Das klappt soweit auch schon alles ganz gut. Ausser: ....

Naja, das ganze soll hat so gestaltet sein, das man das Programm leicht auf verschiedenen Server installieren kann.
Dazu soll der ChatServer in ein .war file gepackt werden und samt Admin Oberfläche in den Tomcat integriert werden.

Und da liegt das Problem. Sobald das war file geladen wurde, funktioniert zwar der chatserver, allerdings reagiert Tomcat dann auf keine anderen anfragen mehr. Das ist ja nicht sinn der sache.
Habe nun schon jede menge gegoogelt aber nichts passendes gefunden.

Der Chatserver erzeugt einen serversocket auf einem bestimmten port und warte dort auf verbindungen.
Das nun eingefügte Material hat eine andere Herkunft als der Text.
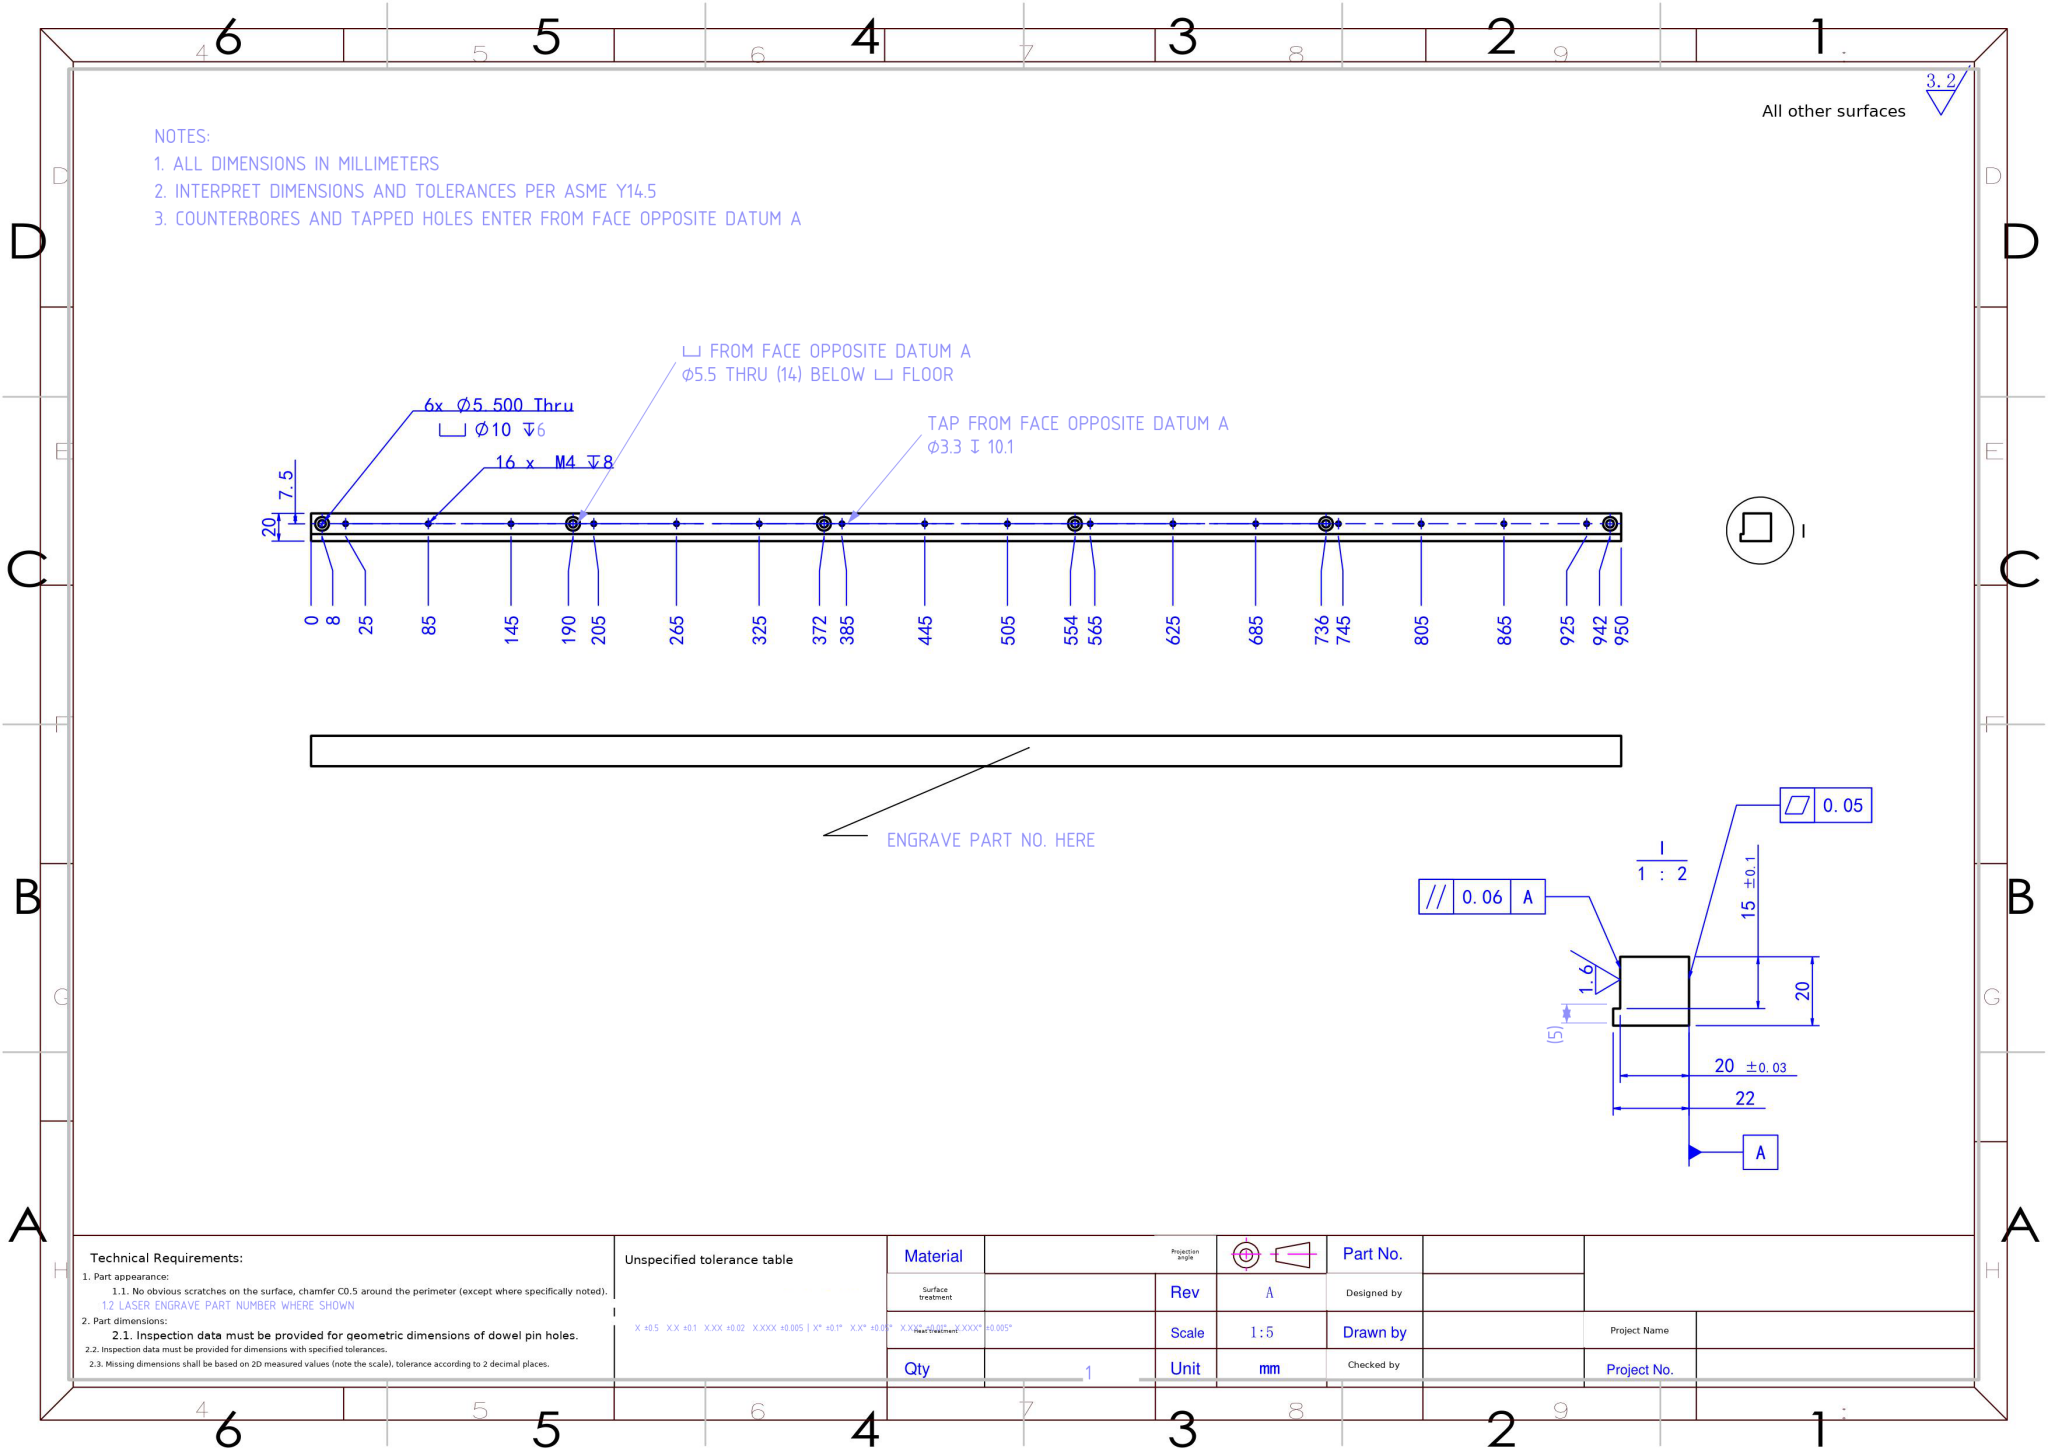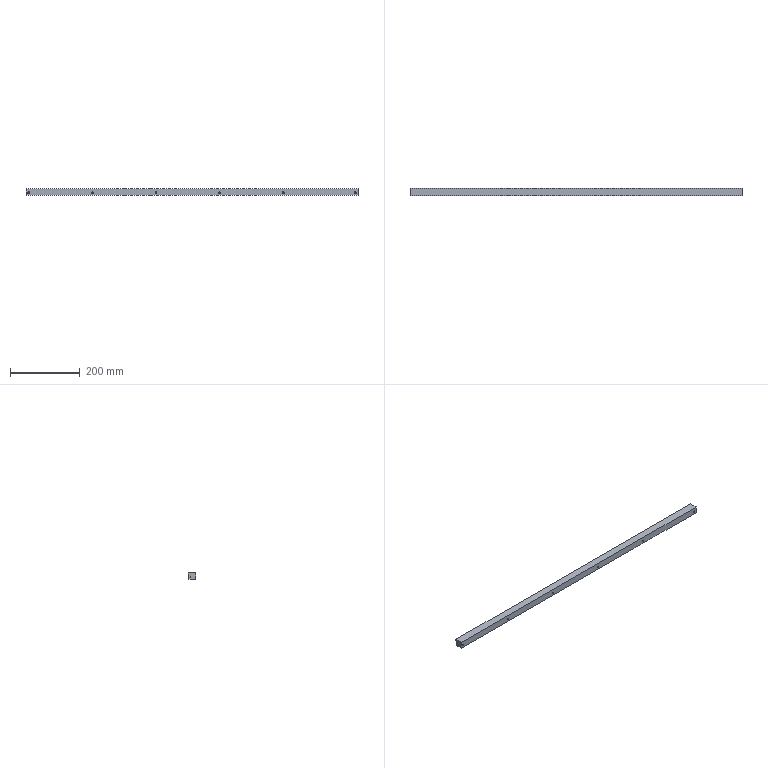Part | NX | mm | 1 solid | 102 faces | box 950 x 22 x 20 mm | volume 383249 mm3 | cylinder 56 | cone 32 | plane 14 | commonest cylinder face diameters 3.3 x32 10 x12 5.5 x12

Liegt hier vielleicht das problem?! Ich weiß nicht weiter.
Hat jemand sowas schonmal gemacht?! Oder irgendeinen Tipp?

Vielen Dank schon mal

VG
Björn


----------



## KSG9|sebastian (5. Dez 2005)

Wie habt ihr es gelöst ? Doch nicht als Servlet, oder ?
Integriert den Server besser direkt in Tomcat, so wie den http, https u.s.w. server auch


----------



## Guest (5. Dez 2005)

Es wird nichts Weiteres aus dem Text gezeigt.